# I added 2 lights to my layout



## Dave Sams (Nov 24, 2010)

This was my easiest project yet!

The die cast car had translucent headlights pressed into holes cast in the metal.

A little hot melt glue on 2 LEDs and I'm done.


----------



## Artieiii (Apr 25, 2011)

Looks great!
-Art


----------



## Massey (Apr 16, 2011)

Love the 57 Chevy!! Need to fix the grille ornament some one put it on crooked.

Massey


----------



## Artieiii (Apr 25, 2011)

You could wire it to track power and put a decoder inside to control the lights. Maybe a custom sound project with '57 chevy engine sounds and a horn.....just a thought.
-Art


----------



## gunrunnerjohn (Nov 10, 2010)

Well, since the Chevy isn't going anywhere, you could just wire it to a switch on your control panel.


----------



## Dave Sams (Nov 24, 2010)

Massey said:


> Love the 57 Chevy!! Need to fix the grille ornament some one put it on crooked.
> 
> Massey


I didn't notice the ornament until I looked at the picture. It is amazing what I see in my pictures that I don't see on the table.

Crooked ornaments, dust........


----------



## Dave Sams (Nov 24, 2010)

gunrunnerjohn said:


> Well, since the Chevy isn't going anywhere, you could just wire it to a switch on your control panel.

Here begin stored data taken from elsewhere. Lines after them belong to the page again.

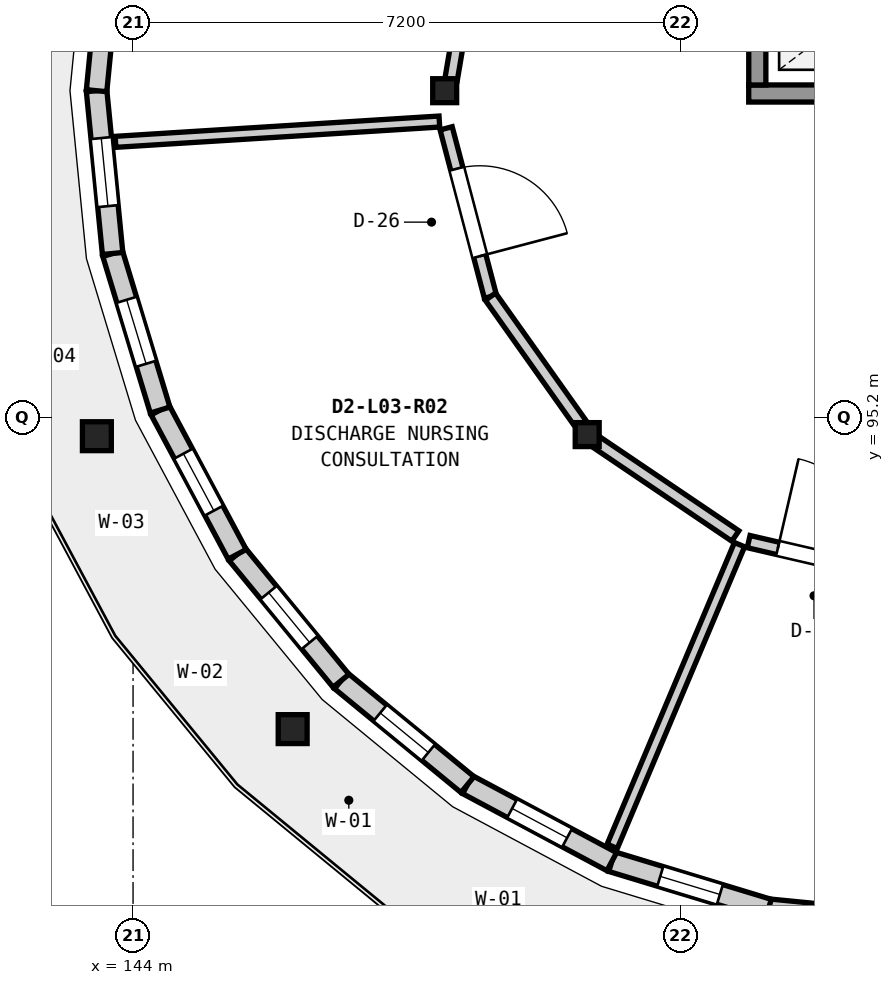
"""IFC4 building model, lengths in metres.
Left out: names, types, materials, properties, quantities, classifications, styles, units other than length and angle.
Written with IfcOpenShell. Run it as: python <this file> out.ifc"""

import sys

from ifc_helpers import new_model, si_unit, direction, frame, frame_2d, origin, origin_2d, place, context, subcontext, project, spatial, rectangle, circle, extrude, element, fill, save


model = new_model("IFC4")
c1 = context("Model", 3, precision=1e-05, world=origin(), true_north=direction((0.0, 1.0)))
c2 = subcontext(c1, "Body", "Model", "MODEL_VIEW")
j1 = project(units=[si_unit("LENGTHUNIT", "METRE"), si_unit("PLANEANGLEUNIT", "RADIAN")], contexts=[c1])
p1 = place(None, origin())
s1 = spatial("IfcSite", under=j1, at=p1, CompositionType="ELEMENT")
p2 = place(p1, origin())
s2 = spatial("IfcBuilding", under=s1, at=p2, CompositionType="ELEMENT")
p3 = place(p2, frame((0.0, 0.0, 12.95)))
s3 = spatial("IfcBuildingStorey", under=s2, at=p3, CompositionType="ELEMENT", Elevation=12.95)
for number, where, z_axis, x_axis in (
    (1, (143.524, 94.954, 0.0), (0.0, 0.0, 1.0), (1.0, 0.0, 0.0)),
    (2, (146.1, 91.1, 0.0), (0.0, 0.0, 1.0), (1.0, 0.0, 0.0)),
):
    element("IfcColumn", number, at=place(p3, frame(where, z_axis=z_axis, x_axis=x_axis)), inside=s3, PredefinedType="PILASTER", context=c2, shape_type="SweptSolid", body=[
        extrude(circle(Radius=0.19, at=origin_2d()), origin(), (0.0, 0.0, 1.0), 4.2),
    ])
for number, where, z_axis, x_axis in (
    (3, (148.1, 99.5, 0.0), (0.0, 0.0, 1.0), (1.0, 0.0, 0.0)),
    (4, (149.975, 94.975, 0.0), (0.0, 0.0, 1.0), (1.0, 0.0, 0.0)),
):
    element("IfcColumn", number, at=place(p3, frame(where, z_axis=z_axis, x_axis=x_axis)), inside=s3, PredefinedType="COLUMN", context=c2, shape_type="SweptSolid", body=[
        extrude(rectangle(XDim=0.315, YDim=0.315, at=origin_2d()), origin(), (0.0, 0.0, 1.0), 4.2),
    ])
p4 = place(p3, frame((154.5, 88.52, 0.0), z_axis=(0.0, 0.0, 1.0), x_axis=(-0.995186536277, 0.097998765368, 0.0)))
e5 = element("IfcWall", 5, at=p4, inside=s3, PredefinedType="ELEMENTEDWALL", context=c2, shape_type="SweptSolid", body=[
    extrude(rectangle(XDim=2.152, YDim=0.27, at=frame_2d((1.076, 0.0))), origin(), (0.0, 0.0, 1.0), 3.314),
])
p5 = place(p4, frame((0.666, 0.0, 0.85)))
e6 = element("IfcOpeningElement", 6, at=p5, cuts=e5, PredefinedType="OPENING", context=c2, shape_type="SweptSolid", body=[
    extrude(rectangle(XDim=0.82, YDim=1.45, at=frame_2d((0.41, 0.725))), frame((0.0, 0.145, 0.0), z_axis=(0.0, -1.0, 0.0), x_axis=(1.0, 0.0, 0.0)), (0.0, 0.0, 1.0), 0.29),
])
p6 = place(p3, frame((152.358, 88.731, 0.0), z_axis=(0.0, 0.0, 1.0), x_axis=(-0.95691941216, 0.290353644083, 0.0)))
e7 = element("IfcWall", 7, at=p6, inside=s3, PredefinedType="ELEMENTEDWALL", context=c2, shape_type="SweptSolid", body=[
    extrude(rectangle(XDim=2.153, YDim=0.27, at=frame_2d((1.076, 0.0))), origin(), (0.0, 0.0, 1.0), 3.314),
])
p7 = place(p6, frame((0.666, 0.0, 0.85)))
e8 = element("IfcOpeningElement", 8, at=p7, cuts=e7, PredefinedType="OPENING", context=c2, shape_type="SweptSolid", body=[
    extrude(rectangle(XDim=0.82, YDim=1.45, at=frame_2d((0.41, 0.725))), frame((0.0, 0.145, 0.0), z_axis=(0.0, -1.0, 0.0), x_axis=(1.0, 0.0, 0.0)), (0.0, 0.0, 1.0), 0.29),
])
p8 = place(p3, frame((150.298, 89.356, 0.0), z_axis=(0.0, 0.0, 1.0), x_axis=(-0.882007276215, 0.471235784617, 0.0)))
e9 = element("IfcWall", 9, at=p8, inside=s3, PredefinedType="ELEMENTEDWALL", context=c2, shape_type="SweptSolid", body=[
    extrude(rectangle(XDim=2.152, YDim=0.27, at=frame_2d((1.076, 0.0))), origin(), (0.0, 0.0, 1.0), 3.314),
])
p9 = place(p8, frame((0.666, 0.0, 0.85)))
e10 = element("IfcOpeningElement", 10, at=p9, cuts=e9, PredefinedType="OPENING", context=c2, shape_type="SweptSolid", body=[
    extrude(rectangle(XDim=0.82, YDim=1.45, at=frame_2d((0.41, 0.725))), frame((0.0, 0.145, 0.0), z_axis=(0.0, -1.0, 0.0), x_axis=(1.0, 0.0, 0.0)), (0.0, 0.0, 1.0), 0.29),
])
p10 = place(p3, frame((148.4, 90.37, 0.0), z_axis=(0.0, 0.0, 1.0), x_axis=(-0.772895091045, 0.634533827498, 0.0)))
e11 = element("IfcWall", 11, at=p10, inside=s3, PredefinedType="ELEMENTEDWALL", context=c2, shape_type="SweptSolid", body=[
    extrude(rectangle(XDim=2.153, YDim=0.27, at=frame_2d((1.076, 0.0))), origin(), (0.0, 0.0, 1.0), 3.314),
])
p11 = place(p10, frame((0.666, 0.0, 0.85)))
e12 = element("IfcOpeningElement", 12, at=p11, cuts=e11, PredefinedType="OPENING", context=c2, shape_type="SweptSolid", body=[
    extrude(rectangle(XDim=0.82, YDim=1.45, at=frame_2d((0.41, 0.725))), frame((0.0, 0.145, 0.0), z_axis=(0.0, -1.0, 0.0), x_axis=(1.0, 0.0, 0.0)), (0.0, 0.0, 1.0), 0.29),
])
p12 = place(p3, frame((146.736, 91.736, 0.0), z_axis=(0.0, 0.0, 1.0), x_axis=(-0.634533827498, 0.772895091045, 0.0)))
e13 = element("IfcWall", 13, at=p12, inside=s3, PredefinedType="ELEMENTEDWALL", context=c2, shape_type="SweptSolid", body=[
    extrude(rectangle(XDim=2.153, YDim=0.27, at=frame_2d((1.076, 0.0))), origin(), (0.0, 0.0, 1.0), 3.314),
])
p13 = place(p12, frame((0.651, 0.0, 0.85)))
e14 = element("IfcOpeningElement", 14, at=p13, cuts=e13, PredefinedType="OPENING", context=c2, shape_type="SweptSolid", body=[
    extrude(rectangle(XDim=0.85, YDim=1.5, at=frame_2d((0.425, 0.75))), frame((0.0, 0.145, 0.0), z_axis=(0.0, -1.0, 0.0), x_axis=(1.0, 0.0, 0.0)), (0.0, 0.0, 1.0), 0.29),
])
p14 = place(p3, frame((145.37, 93.4, 0.0), z_axis=(0.0, 0.0, 1.0), x_axis=(-0.471235784617, 0.882007276215, 0.0)))
e15 = element("IfcWall", 15, at=p14, inside=s3, PredefinedType="ELEMENTEDWALL", context=c2, shape_type="SweptSolid", body=[
    extrude(rectangle(XDim=2.152, YDim=0.27, at=frame_2d((1.076, 0.0))), origin(), (0.0, 0.0, 1.0), 3.314),
])
p15 = place(p14, frame((0.651, 0.0, 0.85)))
e16 = element("IfcOpeningElement", 16, at=p15, cuts=e15, PredefinedType="OPENING", context=c2, shape_type="SweptSolid", body=[
    extrude(rectangle(XDim=0.85, YDim=1.75, at=frame_2d((0.425, 0.875))), frame((0.0, 0.145, 0.0), z_axis=(0.0, -1.0, 0.0), x_axis=(1.0, 0.0, 0.0)), (0.0, 0.0, 1.0), 0.29),
])
p16 = place(p3, frame((144.356, 95.298, 0.0), z_axis=(0.0, 0.0, 1.0), x_axis=(-0.290353644083, 0.95691941216, 0.0)))
e17 = element("IfcWall", 17, at=p16, inside=s3, PredefinedType="ELEMENTEDWALL", context=c2, shape_type="SweptSolid", body=[
    extrude(rectangle(XDim=2.153, YDim=0.27, at=frame_2d((1.076, 0.0))), origin(), (0.0, 0.0, 1.0), 3.314),
])
p17 = place(p16, frame((0.636, 0.0, 0.85)))
e18 = element("IfcOpeningElement", 18, at=p17, cuts=e17, PredefinedType="OPENING", context=c2, shape_type="SweptSolid", body=[
    extrude(rectangle(XDim=0.88, YDim=1.6, at=frame_2d((0.44, 0.8))), frame((0.0, 0.145, 0.0), z_axis=(0.0, -1.0, 0.0), x_axis=(1.0, 0.0, 0.0)), (0.0, 0.0, 1.0), 0.29),
])
p18 = place(p3, frame((143.731, 97.358, 0.0), z_axis=(0.0, 0.0, 1.0), x_axis=(-0.097998765368, 0.995186536277, 0.0)))
e19 = element("IfcWall", 19, at=p18, inside=s3, PredefinedType="ELEMENTEDWALL", context=c2, shape_type="SweptSolid", body=[
    extrude(rectangle(XDim=2.152, YDim=0.27, at=frame_2d((1.076, 0.0))), origin(), (0.0, 0.0, 1.0), 3.314),
])
p19 = place(p18, frame((0.626, 0.0, 0.85)))
e20 = element("IfcOpeningElement", 20, at=p19, cuts=e19, PredefinedType="OPENING", context=c2, shape_type="SweptSolid", body=[
    extrude(rectangle(XDim=0.9, YDim=1.4, at=frame_2d((0.45, 0.7))), frame((0.0, 0.145, 0.0), z_axis=(0.0, -1.0, 0.0), x_axis=(1.0, 0.0, 0.0)), (0.0, 0.0, 1.0), 0.29),
])
p20 = place(p3, frame((143.52, 99.5, 0.0), z_axis=(0.0, 0.0, 1.0), x_axis=(0.097998765368, 0.995186536277, 0.0)))
e21 = element("IfcWall", 21, at=p20, inside=s3, PredefinedType="ELEMENTEDWALL", context=c2, shape_type="SweptSolid", body=[
    extrude(rectangle(XDim=2.152, YDim=0.27, at=frame_2d((1.076, 0.0))), origin(), (0.0, 0.0, 1.0), 3.314),
])
p21 = place(p20, frame((0.626, 0.0, 0.85)))
e22 = element("IfcOpeningElement", 22, at=p21, cuts=e21, PredefinedType="OPENING", context=c2, shape_type="SweptSolid", body=[
    extrude(rectangle(XDim=0.9, YDim=1.65, at=frame_2d((0.45, 0.825))), frame((0.0, 0.145, 0.0), z_axis=(0.0, -1.0, 0.0), x_axis=(1.0, 0.0, 0.0)), (0.0, 0.0, 1.0), 0.29),
])
p22 = place(p3, frame((152.1, 99.463, 0.0), z_axis=(0.0, 0.0, 1.0), x_axis=(1.0, 0.0, 0.0)))
e23 = element("IfcWall", 23, at=p22, inside=s3, PredefinedType="SHEAR", context=c2, shape_type="SweptSolid", body=[
    extrude(rectangle(XDim=3.1, YDim=0.225, at=frame_2d((1.55, 0.0))), origin(), (0.0, 0.0, 1.0), 3.96),
])
p23 = place(p22, frame((0.9, 0.0, 0.0)))
e24 = element("IfcOpeningElement", 24, at=p23, cuts=e23, PredefinedType="OPENING", context=c2, shape_type="SweptSolid", body=[
    extrude(rectangle(XDim=1.3, YDim=2.2, at=frame_2d((0.65, 1.1))), frame((0.0, 0.123, 0.0), z_axis=(0.0, -1.0, 0.0), x_axis=(1.0, 0.0, 0.0)), (0.0, 0.0, 1.0), 0.245),
])
p24 = place(p3, frame((152.213, 99.575, 0.0), z_axis=(0.0, 0.0, 1.0), x_axis=(0.0, 1.0, 0.0)))
e25 = element("IfcWall", 25, at=p24, inside=s3, PredefinedType="SHEAR", context=c2, shape_type="SweptSolid", body=[
    extrude(rectangle(XDim=2.15, YDim=0.225, at=frame_2d((1.075, 0.0))), origin(), (0.0, 0.0, 1.0), 3.96),
])
p25 = place(p3, frame((148.03, 99.094, 0.0), z_axis=(0.0, 0.0, 1.0), x_axis=(-0.998041214069, -0.062559851498, 0.0)))
e26 = element("IfcWall", 26, at=p25, inside=s3, PredefinedType="PARTITIONING", context=c2, shape_type="SweptSolid", body=[
    extrude(rectangle(XDim=4.269, YDim=0.145, at=frame_2d((2.135, 0.0))), origin(), (0.0, 0.0, 1.0), 3.279),
])
p26 = place(p3, frame((151.979, 93.527, 0.0), z_axis=(0.0, 0.0, 1.0), x_axis=(-0.388824533624, -0.921311826719, 0.0)))
e27 = element("IfcWall", 27, at=p26, inside=s3, PredefinedType="PARTITIONING", context=c2, shape_type="SweptSolid", body=[
    extrude(rectangle(XDim=4.308, YDim=0.145, at=frame_2d((2.154, 0.0))), origin(), (0.0, 0.0, 1.0), 3.279),
])
p27 = place(p3, frame((148.565, 101.896, 0.0), z_axis=(0.0, 0.0, 1.0), x_axis=(-0.166872665665, -0.985978454863, 0.0)))
e28 = element("IfcWall", 28, at=p27, inside=s3, PredefinedType="PARTITIONING", context=c2, shape_type="SweptSolid", body=[
    extrude(rectangle(XDim=2.288, YDim=0.165, at=frame_2d((1.144, 0.0))), origin(), (0.0, 0.0, 1.0), 3.279),
])
p28 = place(p3, frame((148.119, 99.005, 0.0), z_axis=(0.0, 0.0, 1.0), x_axis=(0.254556263421, -0.96705796556, 0.0)))
e29 = element("IfcWall", 29, at=p28, inside=s3, PredefinedType="PARTITIONING", context=c2, shape_type="SweptSolid", body=[
    extrude(rectangle(XDim=2.29, YDim=0.165, at=frame_2d((1.145, 0.0))), origin(), (0.0, 0.0, 1.0), 3.279),
])
p29 = place(p28, frame((0.55, 0.0, 0.0)))
e30 = element("IfcOpeningElement", 30, at=p29, cuts=e29, PredefinedType="OPENING", context=c2, shape_type="SweptSolid", body=[
    extrude(rectangle(XDim=1.19, YDim=2.26, at=frame_2d((0.595, 1.13))), frame((0.0, 0.093, 0.0), z_axis=(0.0, -1.0, 0.0), x_axis=(1.0, 0.0, 0.0)), (0.0, 0.0, 1.0), 0.185),
])
p30 = place(p3, frame((148.702, 96.79, 0.0), z_axis=(0.0, 0.0, 1.0), x_axis=(0.578673092917, -0.815559594103, 0.0)))
e31 = element("IfcWall", 31, at=p30, inside=s3, PredefinedType="PARTITIONING", context=c2, shape_type="SweptSolid", body=[
    extrude(rectangle(XDim=2.055, YDim=0.165, at=frame_2d((1.028, 0.0))), origin(), (0.0, 0.0, 1.0), 3.279),
])
p31 = place(p3, frame((150.101, 94.873, 0.0), z_axis=(0.0, 0.0, 1.0), x_axis=(0.828551404548, -0.55991300219, 0.0)))
e32 = element("IfcWall", 32, at=p31, inside=s3, PredefinedType="PARTITIONING", context=c2, shape_type="SweptSolid", body=[
    extrude(rectangle(XDim=2.2, YDim=0.165, at=frame_2d((1.1, 0.0))), origin(), (0.0, 0.0, 1.0), 3.279),
])
p32 = place(p3, frame((152.099, 93.567, 0.0), z_axis=(0.0, 0.0, 1.0), x_axis=(0.97420761257, -0.225653556611, 0.0)))
e33 = element("IfcWall", 33, at=p32, inside=s3, PredefinedType="PARTITIONING", context=c2, shape_type="SweptSolid", body=[
    extrude(rectangle(XDim=1.998, YDim=0.165, at=frame_2d((0.999, 0.0))), origin(), (0.0, 0.0, 1.0), 3.279),
])
p33 = place(p32, frame((0.394, 0.0, 0.0)))
e34 = element("IfcOpeningElement", 34, at=p33, cuts=e33, PredefinedType="OPENING", context=c2, shape_type="SweptSolid", body=[
    extrude(rectangle(XDim=1.21, YDim=2.16, at=frame_2d((0.605, 1.08))), frame((0.0, 0.093, 0.0), z_axis=(0.0, -1.0, 0.0), x_axis=(1.0, 0.0, 0.0)), (0.0, 0.0, 1.0), 0.185),
])
p34 = place(p7, origin())
e35 = element("IfcWindow", 35, at=p34, inside=s3, PartitioningType="SINGLE_PANEL", PredefinedType="WINDOW", context=c2, shape_type="SweptSolid", body=[
    extrude(rectangle(XDim=0.82, YDim=1.45, at=frame_2d((0.41, 0.725))), frame((0.0, 0.03, 0.0), z_axis=(0.0, -1.0, 0.0), x_axis=(1.0, 0.0, 0.0)), (0.0, 0.0, 1.0), 0.06),
])
fill(e8, e35)
p35 = place(p9, origin())
e36 = element("IfcWindow", 36, at=p35, inside=s3, PartitioningType="SINGLE_PANEL", PredefinedType="WINDOW", context=c2, shape_type="SweptSolid", body=[
    extrude(rectangle(XDim=0.82, YDim=1.45, at=frame_2d((0.41, 0.725))), frame((0.0, 0.03, 0.0), z_axis=(0.0, -1.0, 0.0), x_axis=(1.0, 0.0, 0.0)), (0.0, 0.0, 1.0), 0.06),
])
fill(e10, e36)
p36 = place(p11, origin())
e37 = element("IfcWindow", 37, at=p36, inside=s3, PartitioningType="SINGLE_PANEL", PredefinedType="WINDOW", context=c2, shape_type="SweptSolid", body=[
    extrude(rectangle(XDim=0.82, YDim=1.45, at=frame_2d((0.41, 0.725))), frame((0.0, 0.03, 0.0), z_axis=(0.0, -1.0, 0.0), x_axis=(1.0, 0.0, 0.0)), (0.0, 0.0, 1.0), 0.06),
])
fill(e12, e37)
p37 = place(p13, origin())
e38 = element("IfcWindow", 38, at=p37, inside=s3, PartitioningType="SINGLE_PANEL", PredefinedType="WINDOW", context=c2, shape_type="SweptSolid", body=[
    extrude(rectangle(XDim=0.85, YDim=1.5, at=frame_2d((0.425, 0.75))), frame((0.0, 0.03, 0.0), z_axis=(0.0, -1.0, 0.0), x_axis=(1.0, 0.0, 0.0)), (0.0, 0.0, 1.0), 0.06),
])
fill(e14, e38)
p38 = place(p15, origin())
e39 = element("IfcWindow", 39, at=p38, inside=s3, PartitioningType="SINGLE_PANEL", PredefinedType="WINDOW", context=c2, shape_type="SweptSolid", body=[
    extrude(rectangle(XDim=0.85, YDim=1.75, at=frame_2d((0.425, 0.875))), frame((0.0, 0.03, 0.0), z_axis=(0.0, -1.0, 0.0), x_axis=(1.0, 0.0, 0.0)), (0.0, 0.0, 1.0), 0.06),
])
fill(e16, e39)
p39 = place(p17, origin())
e40 = element("IfcWindow", 40, at=p39, inside=s3, PartitioningType="SINGLE_PANEL", PredefinedType="WINDOW", context=c2, shape_type="SweptSolid", body=[
    extrude(rectangle(XDim=0.88, YDim=1.6, at=frame_2d((0.44, 0.8))), frame((0.0, 0.03, 0.0), z_axis=(0.0, -1.0, 0.0), x_axis=(1.0, 0.0, 0.0)), (0.0, 0.0, 1.0), 0.06),
])
fill(e18, e40)
p40 = place(p19, origin())
e41 = element("IfcWindow", 41, at=p40, inside=s3, PartitioningType="SINGLE_PANEL", PredefinedType="WINDOW", context=c2, shape_type="SweptSolid", body=[
    extrude(rectangle(XDim=0.9, YDim=1.4, at=frame_2d((0.45, 0.7))), frame((0.0, 0.03, 0.0), z_axis=(0.0, -1.0, 0.0), x_axis=(1.0, 0.0, 0.0)), (0.0, 0.0, 1.0), 0.06),
])
fill(e20, e41)
p41 = place(p29, origin())
e42 = element("IfcDoor", 42, at=p41, inside=s3, OperationType="SINGLE_SWING_RIGHT", PredefinedType="DOOR", context=c2, shape_type="SweptSolid", body=[
    extrude(rectangle(XDim=1.19, YDim=2.26, at=frame_2d((0.595, 1.13))), frame((0.0, 0.025, 0.0), z_axis=(0.0, -1.0, 0.0), x_axis=(1.0, 0.0, 0.0)), (0.0, 0.0, 1.0), 0.05),
])
fill(e30, e42)
p42 = place(p33, origin())
e43 = element("IfcDoor", 43, at=p42, inside=s3, OperationType="SINGLE_SWING_LEFT", PredefinedType="DOOR", context=c2, shape_type="SweptSolid", body=[
    extrude(rectangle(XDim=1.21, YDim=2.16, at=frame_2d((0.605, 1.08))), frame((0.0, 0.025, 0.0), z_axis=(0.0, -1.0, 0.0), x_axis=(1.0, 0.0, 0.0)), (0.0, 0.0, 1.0), 0.05),
])
fill(e34, e43)
save(model, sys.argv[1])

Great idea, but which one?


----------



## Massey (Apr 16, 2011)

That red one right over there!

Massey


----------



## Davidfd85 (Jul 4, 2011)

No not that red one, the other one over there. That will work better


----------



## Dave Sams (Nov 24, 2010)

The ones on the far right are DC.

The center ones in the top picture are AC.


----------



## Russell (Dec 11, 2009)

Nice Chevy. Very impressive with the lights. My first car was a second-hand 58 Chevy. By the time I got it, it was a rust bucket. Those 55-56-57s really look great.


----------



## Dave Sams (Nov 24, 2010)

I wish it was red.

The color is correct, but a red Chev is the best!


----------